How to resolve intermittent 503 errors with high CPU utilization in Azure App Service during peak traffic spikes while maintaining SLA?
We have a .NET Core 6 API hosted on Azure App Service (Premium P3v2 tier) that experiences intermittent HTTP 503 errors during unpredictable traffic spikes (10x baseline). Application Insights shows CPU saturation (~95%) coinciding with the errors, but auto-scaling (configured on CPU > 70%) often lags behind demand.
Current Configuration:
- Instances: 3 (min), 10 (max)
- Scale-out: CPU > 70% for 5 minutes, +1 instance
- ARR Affinity: Disabled
- Health Check: /status (200 OK endpoint)
- Database: Azure SQL (DTU 100, no throttling observed)
Attempted Fixes (No Success):
- Pre-warmed instances via Always On + startup tasks.

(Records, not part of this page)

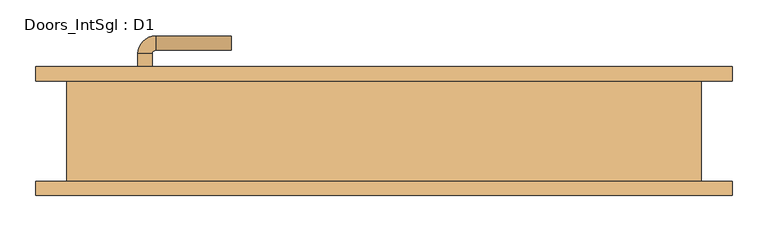
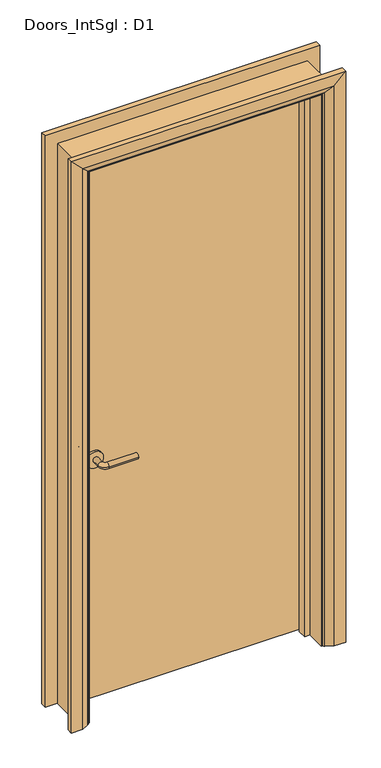
"""IFC4 building model written with IfcOpenShell, lengths in millimetres: door geometry, Doors_IntSgl : D1."""

from ifc_helpers import new_model, si_unit, point, frame, frame_2d, origin, place, context, project, spatial, polyline, circle_curve, ellipse_curve, trimmed, segment, composite_curve, outline, extrude, faceted_brep, source, transform, mapped, element, save
from ifc_brep_helpers import plane_surface, cylinder_surface, revolved_surface, advanced_brep


def doors_intsgl_d1_9c7e8c97(model_context):
    return source(origin(), model_context, "Body", "SolidModel", [
        advanced_brep(
        [(-343.0, 24.0, 900.0), (-323.0, 24.0, 900.0), (-323.0, -6.0, 900.0), (-343.0, -6.0, 900.0), (-318.0, -11.0, 900.0), (-318.0, -31.0, 900.0), (-213.0, -31.0, 900.0), (-213.0, -11.0, 900.0)],
        [
            (0, 1, circle_curve(frame((-333.0, 24.0, 900.0), z_axis=(0.0, 1.0, 0.0), x_axis=(1.0, 0.0, 0.0)), 10.0)),
            (1, 0, circle_curve(frame((-333.0, 24.0, 900.0), z_axis=(0.0, 1.0, 0.0), x_axis=(1.0, 0.0, 0.0)), 10.0)),
            (1, 2),
            (2, 3, circle_curve(frame((-333.0, -6.0, 900.0), z_axis=(0.0, 1.0, 0.0), x_axis=(1.0, 0.0, 0.0)), 10.0)),
            (3, 0),
            (3, 2, circle_curve(frame((-333.0, -6.0, 900.0), z_axis=(0.0, 1.0, 0.0), x_axis=(1.0, 0.0, 0.0)), 10.0)),
            (4, 5, circle_curve(frame((-318.0, -21.0, 900.0), z_axis=(-1.0, 0.0, 0.0), x_axis=(0.0, 1.0, 0.0)), 10.0)),
            (5, 3, circle_curve(frame((-318.0, -6.0, 900.0), z_axis=(0.0, 0.0, -1.0), x_axis=(-1.0, 0.0, 0.0)), 25.0)),
            (2, 4, circle_curve(frame((-318.0, -6.0, 900.0), z_axis=(0.0, 0.0, 1.0), x_axis=(-1.0, 0.0, 0.0)), 5.0)),
            (5, 4, circle_curve(frame((-318.0, -21.0, 900.0), z_axis=(-1.0, 0.0, 0.0), x_axis=(0.0, 1.0, 0.0)), 10.0)),
            (6, 7, circle_curve(frame((-213.0, -21.0, 900.0), z_axis=(1.0, 0.0, 0.0), x_axis=(0.0, 1.0, 0.0)), 10.0)),
            (7, 6, circle_curve(frame((-213.0, -21.0, 900.0), z_axis=(1.0, 0.0, 0.0), x_axis=(0.0, 1.0, 0.0)), 10.0)),
            (4, 7),
            (6, 5),
        ],
        [
            plane_surface(frame((-333.0, 24.0, 900.0), z_axis=(0.0, 1.0, 0.0), x_axis=(0.0, 0.0, 1.0))),
            cylinder_surface(frame((-333.0, 24.0, 900.0), z_axis=(0.0, 1.0, 0.0), x_axis=(1.0, 0.0, 0.0)), 10.0),
            revolved_surface(trimmed(ellipse_curve(frame((-333.0, -6.0, 900.0), z_axis=(0.0, -1.0, 0.0), x_axis=(1.0, 0.0, 0.0)), 10.0, 10.0), [point((-343.0, -6.0, 900.0))], [point((-323.0, -6.0, 900.0))], True, "CARTESIAN"), (-318.0, -6.0, 900.0), (0.0, 0.0, -1.0)),
            revolved_surface(trimmed(ellipse_curve(frame((-333.0, -6.0, 900.0), z_axis=(0.0, -1.0, 0.0), x_axis=(1.0, 0.0, 0.0)), 10.0, 10.0), [point((-323.0, -6.0, 900.0))], [point((-343.0, -6.0, 900.0))], True, "CARTESIAN"), (-318.0, -6.0, 900.0), (0.0, 0.0, -1.0)),
            plane_surface(frame((-213.0, -21.0, 900.0), z_axis=(1.0, 0.0, 0.0), x_axis=(0.0, 0.0, 1.0))),
            cylinder_surface(frame((-318.0, -21.0, 900.0), z_axis=(-1.0, 0.0, 0.0), x_axis=(0.0, 1.0, 0.0)), 10.0),
        ],
        [
            (0, [[1, 2]]),
            (1, [[3, 4, 5, -2]]),
            (1, [[-5, 6, -3, -1]]),
            (2, [[7, 8, -4, 9]]),
            (3, [[10, -9, -6, -8]]),
            (4, [[11, 12]]),
            (5, [[13, -11, 14, -7]]),
            (5, [[-14, -12, -13, -10]]),
        ],
    ),
        extrude(outline(composite_curve([segment(trimmed(circle_curve(frame_2d((900.0, -335.5)), 30.0), [point((900.0, -365.5))], [point((900.0, -305.5))], False, "CARTESIAN"), True, "CONTINUOUS"), segment(trimmed(circle_curve(frame_2d((900.0, -335.5)), 30.0), [point((900.0, -305.5))], [point((900.0, -365.5))], False, "CARTESIAN"), True, "CONTINUOUS")], self_intersect=False)), frame((0.0, 24.0, 0.0), z_axis=(0.0, 1.0, 0.0), x_axis=(0.0, 0.0, 1.0)), (0.0, 0.0, 1.0), 8.0),
        advanced_brep(
        [(-343.0, 78.0, 900.0), (-323.0, 78.0, 900.0), (-343.0, 108.0, 900.0), (-323.0, 108.0, 900.0), (-318.0, 113.0, 900.0), (-318.0, 133.0, 900.0), (-213.0, 133.0, 900.0), (-213.0, 113.0, 900.0)],
        [
            (0, 1, circle_curve(frame((-333.0, 78.0, 900.0), z_axis=(0.0, -1.0, 0.0), x_axis=(1.0, 0.0, 0.0)), 10.0)),
            (1, 0, circle_curve(frame((-333.0, 78.0, 900.0), z_axis=(0.0, -1.0, 0.0), x_axis=(1.0, 0.0, 0.0)), 10.0)),
            (0, 2),
            (2, 3, circle_curve(frame((-333.0, 108.0, 900.0), z_axis=(0.0, -1.0, 0.0), x_axis=(1.0, 0.0, 0.0)), 10.0)),
            (3, 1),
            (3, 2, circle_curve(frame((-333.0, 108.0, 900.0), z_axis=(0.0, -1.0, 0.0), x_axis=(1.0, 0.0, 0.0)), 10.0)),
            (4, 3, circle_curve(frame((-318.0, 108.0, 900.0), z_axis=(0.0, 0.0, 1.0), x_axis=(-1.0, 0.0, 0.0)), 5.0)),
            (2, 5, circle_curve(frame((-318.0, 108.0, 900.0), z_axis=(0.0, 0.0, -1.0), x_axis=(-1.0, 0.0, 0.0)), 25.0)),
            (5, 4, circle_curve(frame((-318.0, 123.0, 900.0), z_axis=(-1.0, 0.0, 0.0), x_axis=(0.0, -1.0, 0.0)), 10.0)),
            (4, 5, circle_curve(frame((-318.0, 123.0, 900.0), z_axis=(-1.0, 0.0, 0.0), x_axis=(0.0, -1.0, 0.0)), 10.0)),
            (6, 7, circle_curve(frame((-213.0, 123.0, 900.0), z_axis=(1.0, 0.0, 0.0), x_axis=(0.0, -1.0, 0.0)), 10.0)),
            (7, 6, circle_curve(frame((-213.0, 123.0, 900.0), z_axis=(1.0, 0.0, 0.0), x_axis=(0.0, -1.0, 0.0)), 10.0)),
            (5, 6),
            (7, 4),
        ],
        [
            plane_surface(frame((-333.0, 78.0, 900.0), z_axis=(0.0, -1.0, 0.0), x_axis=(0.0, 0.0, 1.0))),
            cylinder_surface(frame((-333.0, 78.0, 900.0), z_axis=(0.0, -1.0, 0.0), x_axis=(1.0, 0.0, 0.0)), 10.0),
            revolved_surface(trimmed(ellipse_curve(frame((-333.0, 108.0, 900.0), z_axis=(0.0, -1.0, 0.0), x_axis=(1.0, 0.0, 0.0)), 10.0, 10.0), [point((-343.0, 108.0, 900.0))], [point((-323.0, 108.0, 900.0))], True, "CARTESIAN"), (-318.0, 108.0, 900.0), (0.0, 0.0, -1.0)),
            revolved_surface(trimmed(ellipse_curve(frame((-333.0, 108.0, 900.0), z_axis=(0.0, -1.0, 0.0), x_axis=(1.0, 0.0, 0.0)), 10.0, 10.0), [point((-323.0, 108.0, 900.0))], [point((-343.0, 108.0, 900.0))], True, "CARTESIAN"), (-318.0, 108.0, 900.0), (0.0, 0.0, -1.0)),
            plane_surface(frame((-213.0, 123.0, 900.0), z_axis=(1.0, 0.0, 0.0), x_axis=(0.0, 0.0, 1.0))),
            cylinder_surface(frame((-318.0, 123.0, 900.0), z_axis=(-1.0, 0.0, 0.0), x_axis=(0.0, -1.0, 0.0)), 10.0),
        ],
        [
            (0, [[1, 2]]),
            (1, [[-1, 3, 4, 5]]),
            (1, [[-2, -5, 6, -3]]),
            (2, [[7, -4, 8, 9]]),
            (3, [[-8, -6, -7, 10]]),
            (4, [[11, 12]]),
            (5, [[-9, 13, -12, 14]]),
            (5, [[-10, -14, -11, -13]]),
        ],
    ),
        extrude(outline(composite_curve([segment(trimmed(circle_curve(frame_2d((900.0, -335.5)), 30.0), [point((900.0, -365.5))], [point((900.0, -305.5))], False, "CARTESIAN"), True, "CONTINUOUS"), segment(trimmed(circle_curve(frame_2d((900.0, -335.5)), 30.0), [point((900.0, -305.5))], [point((900.0, -365.5))], False, "CARTESIAN"), True, "CONTINUOUS")], self_intersect=False)), frame((0.0, 70.0, 0.0), z_axis=(0.0, 1.0, 0.0), x_axis=(0.0, 0.0, 1.0)), (0.0, 0.0, 1.0), 8.0),
        extrude(outline(polyline([(408.0, 32.0), (-408.0, 32.0), (-408.0, 70.0), (408.0, 70.0), (408.0, 32.0)])), frame((0.0, 0.0, 8.0), z_axis=(0.0, 0.0, 1.0), x_axis=(1.0, 0.0, 0.0)), (0.0, 0.0, 1.0), 2050.0),
        advanced_brep(
        [(485.0, 90.0, 0.0), (485.0, 70.0, 0.0), (415.0, 70.0, 0.0), (419.0, 76.0, 0.0), (445.0, 90.0, 0.0), (485.0, 90.0, 2135.0), (485.0, 70.0, 2135.0), (-485.0, 70.0, 2135.0), (-485.0, 70.0, 0.0), (-415.0, 70.0, 0.0), (-415.0, 70.0, 2065.0), (415.0, 70.0, 2065.0), (419.0, 76.0, 2069.0), (445.0, 90.0, 2095.0), (-445.0, 90.0, 2095.0), (-445.0, 90.0, 0.0), (-485.0, 90.0, 0.0), (-485.0, 90.0, 2135.0), (-419.0, 76.0, 0.0), (-419.0, 76.0, 2069.0)],
        [
            (0, 1),
            (1, 2),
            (2, 3, circle_curve(frame((423.0, 69.0, 0.0), z_axis=(0.0, 0.0, -1.0), x_axis=(1.0, 0.0, 0.0)), 8.0622577)),
            (3, 4),
            (4, 0),
            (0, 5),
            (5, 6),
            (6, 1),
            (6, 7),
            (7, 8),
            (8, 9),
            (9, 10),
            (10, 11),
            (11, 2),
            (11, 12, ellipse_curve(frame((423.0, 69.0, 2073.0), z_axis=(0.7071067811865475, 0.0, -0.7071067811865475), x_axis=(-0.7071067811865474, 0.0, -0.7071067811865476)), 11.4017543, 8.0622577)),
            (12, 3),
            (12, 13),
            (13, 4),
            (13, 14),
            (14, 15),
            (15, 16),
            (16, 17),
            (17, 5),
            (7, 17),
            (16, 8),
            (15, 18),
            (18, 9, circle_curve(frame((-423.0, 69.0, 0.0), z_axis=(0.0, 0.0, -1.0), x_axis=(-1.0, 0.0, 0.0)), 8.0622577)),
            (19, 10, ellipse_curve(frame((-423.0, 69.0, 2073.0), z_axis=(-0.7071067811865475, 0.0, -0.7071067811865475), x_axis=(-0.7071067811865474, 0.0, 0.7071067811865476)), 11.4017543, 8.0622577)),
            (18, 19),
            (14, 19),
            (19, 12),
        ],
        [
            plane_surface(frame((415.0, 70.0, 0.0), z_axis=(0.0, 0.0, -1.0), x_axis=(0.0, -1.0, 0.0))),
            plane_surface(frame((485.0, 90.0, 0.0), z_axis=(1.0, 0.0, 0.0), x_axis=(0.0, 0.0, 1.0))),
            plane_surface(frame((485.0, 70.0, 0.0), z_axis=(0.0, -1.0, 0.0), x_axis=(0.0, 0.0, 1.0))),
            cylinder_surface(frame((423.0, 69.0, 0.0), z_axis=(0.0, 0.0, -1.0), x_axis=(1.0, 0.0, 0.0)), 8.0622577),
            plane_surface(frame((419.0, 76.0, 0.0), z_axis=(-0.4740998230350126, 0.880471099922178, 0.0), x_axis=(0.0, 0.0, 1.0))),
            plane_surface(frame((445.0, 90.0, 0.0), z_axis=(0.0, 1.0, 0.0), x_axis=(0.0, 0.0, 1.0))),
            plane_surface(frame((-485.0, 90.0, 2135.0), z_axis=(-1.0, 0.0, 0.0), x_axis=(0.0, 0.0, -1.0))),
            plane_surface(frame((-415.0, 70.0, 0.0), z_axis=(0.0, 0.0, -1.0), x_axis=(0.0, -1.0, 0.0))),
            cylinder_surface(frame((-423.0, 69.0, 2065.0), z_axis=(0.0, 0.0, 1.0), x_axis=(-1.0, 0.0, 0.0)), 8.0622577),
            plane_surface(frame((-419.0, 76.0, 2069.0), z_axis=(0.47409982303501824, 0.8804710999221749, 0.0), x_axis=(0.0, 0.0, -1.0))),
            plane_surface(frame((485.0, 90.0, 2135.0), z_axis=(0.0, 0.0, 1.0), x_axis=(-1.0, 0.0, 0.0))),
            cylinder_surface(frame((415.0, 69.0, 2073.0), z_axis=(1.0, 0.0, 0.0), x_axis=(0.0, 0.0, 1.0)), 8.0622577),
            plane_surface(frame((419.0, 76.0, 2069.0), z_axis=(0.0, 0.8804710999221764, -0.4740998230350154), x_axis=(-1.0, 0.0, 0.0))),
        ],
        [
            (0, [[1, 2, 3, 4, 5]]),
            (1, [[-1, 6, 7, 8]]),
            (2, [[-2, -8, 9, 10, 11, 12, 13, 14]]),
            (3, [[-3, -14, 15, 16]]),
            (4, [[-4, -16, 17, 18]]),
            (5, [[-5, -18, 19, 20, 21, 22, 23, -6]]),
            (6, [[24, -22, 25, -10]]),
            (7, [[-21, 26, 27, -11, -25]]),
            (8, [[28, -12, -27, 29]]),
            (9, [[30, -29, -26, -20]]),
            (10, [[-7, -23, -24, -9]]),
            (11, [[-15, -13, -28, 31]]),
            (12, [[-17, -31, -30, -19]]),
        ],
    ),
        extrude(outline(polyline([(0.0, -410.0), (0.0, -391.0), (2041.0, -391.0), (2041.0, 391.0), (0.0, 391.0), (0.0, 410.0), (2060.0, 410.0), (2060.0, -410.0), (0.0, -410.0)])), frame((0.0, -2.0, 0.0), z_axis=(0.0, 1.0, 0.0), x_axis=(0.0, 0.0, 1.0)), (0.0, 0.0, 1.0), 32.0),
        advanced_brep(
        [(-485.0, -90.0, 0.0), (-485.0, -70.0, 0.0), (-415.0, -70.0, 0.0), (-419.0, -76.0, 0.0), (-445.0, -90.0, 0.0), (-485.0, -90.0, 2135.0), (-485.0, -70.0, 2135.0), (-415.0, -70.0, 2065.0), (-419.0, -76.0, 2069.0), (-445.0, -90.0, 2095.0), (485.0, -90.0, 0.0), (445.0, -90.0, 0.0), (419.0, -76.0, 0.0), (415.0, -70.0, 0.0), (485.0, -70.0, 0.0), (485.0, -90.0, 2135.0), (445.0, -90.0, 2095.0), (419.0, -76.0, 2069.0), (415.0, -70.0, 2065.0), (485.0, -70.0, 2135.0)],
        [
            (0, 1),
            (1, 2),
            (2, 3, circle_curve(frame((-423.0, -69.0, 0.0), z_axis=(0.0, 0.0, -1.0), x_axis=(-1.0, 0.0, 0.0)), 8.0622577)),
            (3, 4),
            (4, 0),
            (0, 5),
            (5, 6),
            (6, 1),
            (6, 7),
            (7, 2),
            (7, 8, ellipse_curve(frame((-423.0, -69.0, 2073.0), z_axis=(-0.7071067811865475, 0.0, -0.7071067811865475), x_axis=(0.7071067811865474, 0.0, -0.7071067811865476)), 11.4017543, 8.0622577)),
            (8, 3),
            (8, 9),
            (9, 4),
            (9, 5),
            (10, 11),
            (11, 12),
            (12, 13, circle_curve(frame((423.0, -69.0, 0.0), z_axis=(0.0, 0.0, -1.0), x_axis=(1.0, 0.0, 0.0)), 8.0622577)),
            (13, 14),
            (14, 10),
            (15, 16),
            (16, 11),
            (10, 15),
            (16, 17),
            (17, 12),
            (17, 18, ellipse_curve(frame((423.0, -69.0, 2073.0), z_axis=(0.7071067811865475, 0.0, -0.7071067811865475), x_axis=(0.7071067811865474, 0.0, 0.7071067811865476)), 11.4017543, 8.0622577)),
            (18, 13),
            (18, 19),
            (19, 14),
            (19, 15),
            (5, 15),
            (19, 6),
            (18, 7),
            (17, 8),
            (16, 9),
        ],
        [
            plane_surface(frame((-415.0, -142.8010989, 0.0), z_axis=(0.0, 0.0, -1.0), x_axis=(1.0, 0.0, 0.0))),
            plane_surface(frame((-485.0, -90.0, 0.0), z_axis=(-1.0, 0.0, 0.0), x_axis=(0.0, 0.0, 1.0))),
            plane_surface(frame((-485.0, -70.0, 0.0), z_axis=(0.0, 1.0, 0.0), x_axis=(0.0, 0.0, 1.0))),
            cylinder_surface(frame((-423.0, -69.0, 0.0), z_axis=(0.0, 0.0, -1.0), x_axis=(-1.0, 0.0, 0.0)), 8.0622577),
            plane_surface(frame((-419.0, -76.0, 0.0), z_axis=(0.4740998230350183, -0.8804710999221749, 0.0), x_axis=(0.0, 0.0, 1.0))),
            plane_surface(frame((-445.0, -90.0, 0.0), z_axis=(0.0, -1.0, 0.0), x_axis=(0.0, 0.0, 1.0))),
            plane_surface(frame((415.0, -142.8010989, 0.0), z_axis=(0.0, 0.0, -1.0), x_axis=(-1.0, 0.0, 0.0))),
            plane_surface(frame((445.0, -90.0, 2095.0), z_axis=(0.0, -1.0, 0.0), x_axis=(0.0, 0.0, -1.0))),
            plane_surface(frame((419.0, -76.0, 2069.0), z_axis=(-0.4740998230350183, -0.8804710999221749, 0.0), x_axis=(0.0, 0.0, -1.0))),
            cylinder_surface(frame((423.0, -69.0, 2065.0), z_axis=(0.0, 0.0, 1.0), x_axis=(1.0, 0.0, 0.0)), 8.0622577),
            plane_surface(frame((485.0, -70.0, 2135.0), z_axis=(0.0, 1.0, 0.0), x_axis=(0.0, 0.0, -1.0))),
            plane_surface(frame((485.0, -90.0, 2135.0), z_axis=(1.0, 0.0, 0.0), x_axis=(0.0, 0.0, -1.0))),
            plane_surface(frame((-485.0, -90.0, 2135.0), z_axis=(0.0, 0.0, 1.0), x_axis=(1.0, 0.0, 0.0))),
            plane_surface(frame((-485.0, -70.0, 2135.0), z_axis=(0.0, 1.0, 0.0), x_axis=(1.0, 0.0, 0.0))),
            cylinder_surface(frame((-415.0, -69.0, 2073.0), z_axis=(-1.0, 0.0, 0.0), x_axis=(0.0, 0.0, 1.0)), 8.0622577),
            plane_surface(frame((-419.0, -76.0, 2069.0), z_axis=(0.0, -0.8804710999221749, -0.4740998230350183), x_axis=(1.0, 0.0, 0.0))),
            plane_surface(frame((-445.0, -90.0, 2095.0), z_axis=(0.0, -1.0, 0.0), x_axis=(1.0, 0.0, 0.0))),
        ],
        [
            (0, [[1, 2, 3, 4, 5]]),
            (1, [[-1, 6, 7, 8]]),
            (2, [[-2, -8, 9, 10]]),
            (3, [[-3, -10, 11, 12]]),
            (4, [[-4, -12, 13, 14]]),
            (5, [[-5, -14, 15, -6]]),
            (6, [[16, 17, 18, 19, 20]]),
            (7, [[21, 22, -16, 23]]),
            (8, [[24, 25, -17, -22]]),
            (9, [[26, 27, -18, -25]]),
            (10, [[28, 29, -19, -27]]),
            (11, [[30, -23, -20, -29]]),
            (12, [[-7, 31, -30, 32]]),
            (13, [[-9, -32, -28, 33]]),
            (14, [[-11, -33, -26, 34]]),
            (15, [[-13, -34, -24, 35]]),
            (16, [[-15, -35, -21, -31]]),
        ],
    ),
        faceted_brep([(-410.0, 70.0, 0.0), (-410.0, -70.0, 0.0), (-442.0, -70.0, 0.0), (-442.0, 70.0, 0.0), (-410.0, 70.0, 2060.0), (-410.0, -70.0, 2060.0), (-442.0, -70.0, 2092.0), (-442.0, 70.0, 2092.0), (410.0, 70.0, 0.0), (442.0, 70.0, 0.0), (442.0, -70.0, 0.0), (410.0, -70.0, 0.0), (410.0, 70.0, 2060.0), (442.0, 70.0, 2092.0), (442.0, -70.0, 2092.0), (410.0, -70.0, 2060.0)], [[[0, 1, 2, 3]], [[1, 0, 4, 5]], [[2, 1, 5, 6]], [[3, 2, 6, 7]], [[0, 3, 7, 4]], [[8, 9, 10, 11]], [[12, 13, 9, 8]], [[13, 14, 10, 9]], [[14, 15, 11, 10]], [[15, 12, 8, 11]], [[5, 4, 12, 15]], [[6, 5, 15, 14]], [[7, 6, 14, 13]], [[4, 7, 13, 12]]]),
    ])


if __name__ == "__main__":
    model = new_model("IFC4")
    model_context = context("Model", 3, world=origin())
    ifc_project = project(units=[si_unit("LENGTHUNIT", "METRE", prefix="MILLI")], contexts=[model_context])
    site = spatial("IfcSite", under=ifc_project)
    building = spatial("IfcBuilding", under=site)
    placement = place(None, origin())
    doors_intsgl_d1_shape = doors_intsgl_d1_9c7e8c97(model_context)
    element("IfcDoor", 1, ObjectType="Doors_IntSgl : D1", at=placement, inside=building, context=model_context, shape_type="MappedRepresentation", body=[
        mapped(doors_intsgl_d1_shape, transform((0.0, 0.0, 0.0), x_axis=(1.0, 0.0, 0.0), y_axis=(0.0, 1.0, 0.0), z_axis=(0.0, 0.0, 1.0))),
    ])
    save(model, "model.ifc")

# Revit data of these elements
# Type "Doors_IntSgl : D1"
#   Type Mark = "46"
#   Type Comments = "Internal Single"
#   Operation = "SingleSwingRight"
#   Manufacturer = "Revit"
#   Keynote = "L20"
#   Description = "Internal Single Door"
#   Analytic Construction = "Metal"
#   UnderCut = 8 mm
#   Tolerance = 2 mm
#   Thickness = 38 mm
#   Thermal Resistance (R) = 0.270117 (m²·K)/W
#   Structural Tolerance = 8 mm
#   StopDepth = 32 mm
#   Stop Thickness = 19 mm
#   Rough Width = 900 mm
#   Rough Height = 2100 mm
#   Height to Top Lock Rail = 1000 mm
#   Heat Transfer Coefficient (U) = 3.7021 W/(m²·K)
#   Handle Z Distance = 900 mm
#   Handle X Distance = 75 mm
#   Frame Thickness = 32 mm
#   Door Panel Width = 816 mm
#   Door Panel Thickness = 38 mm
#   Door Panel Offset = 0 mm
#   Height = 2100 mm
#   Width = 900 mm
#   Door Panel Height = 2050 mm
#   Architrave Setback = 5 mm
#   Vis - Ironmongery = yes
#   Material Ironmongery = Door - Handle
#   Material Frame = Door - Frame/Mullion (1)
#   Material Door = Door - Panel
#   Material Architrave = Door - Architrave
#   Visual Light Transmittance = 0
#   Solar Heat Gain Coefficient = 0
#   Function = (empty or 0)
#   Wall Closure = (empty or 0)
# Element 1 (IfcDoor, "Doors_IntSgl : D1")
#   Materials on its faces: "Door - Architrave", "Door - Handle", "Door - Frame/Mullion (1)", "Door - Panel"
# Materials
#   "Door - Handle": colour RGB 0 0 0, transparency 0, Keynote = "P21", Cost = 0
#   "Door - Frame/Mullion (1)": class "Wood", colour RGB 212 179 113, transparency 0, Keynote = "L20", Cost = 0
#   "Door - Panel": class "Wood", colour RGB 210 159 95, transparency 0, Keynote = "L20", Cost = 0
#   "Door - Architrave": class "Wood", colour RGB 154 90 5, transparency 0, Keynote = "P20", Cost = 0

- Adjusted scale-out rules to trigger at 60% CPU with 3-minute cooldown (resulted in over-provisioning without eliminating 503s).
- Optimized code (reduced EF Core queries, added caching via Redis).
Hard Requirements:
- Must maintain 99.95% SLA.
- Cannot use ASE (App Service Environment) due to cost constraints.
Question:
What’s a deterministic strategy to eliminate 503s under these conditions? Are there hidden Azure quotas (e.g., SNAT, VMSS burst limits) or advanced scaling patterns (predictive, queue-based) that could resolve this? Provide low-latency solutions, not theoretical guidance.
View Markdown
# Intermittent 503s in Azure App Service During Traffic Spikes
Problem:
- 503 errors during sudden 10x traffic spikes.
- CPU hits ~95% before scaling kicks in (P3v2 tier).
- Auto-scaling delay causes SLA risk.
Constraints:
- No ASE, must stay cost-efficient.
- 99.95% SLA non-negotiable.
Need:
- Actionable fixes (e.g., ARM template tweaks, scale rule hacks).
- Deep Azure infra insights (throttling, SNAT, VMSS quirks).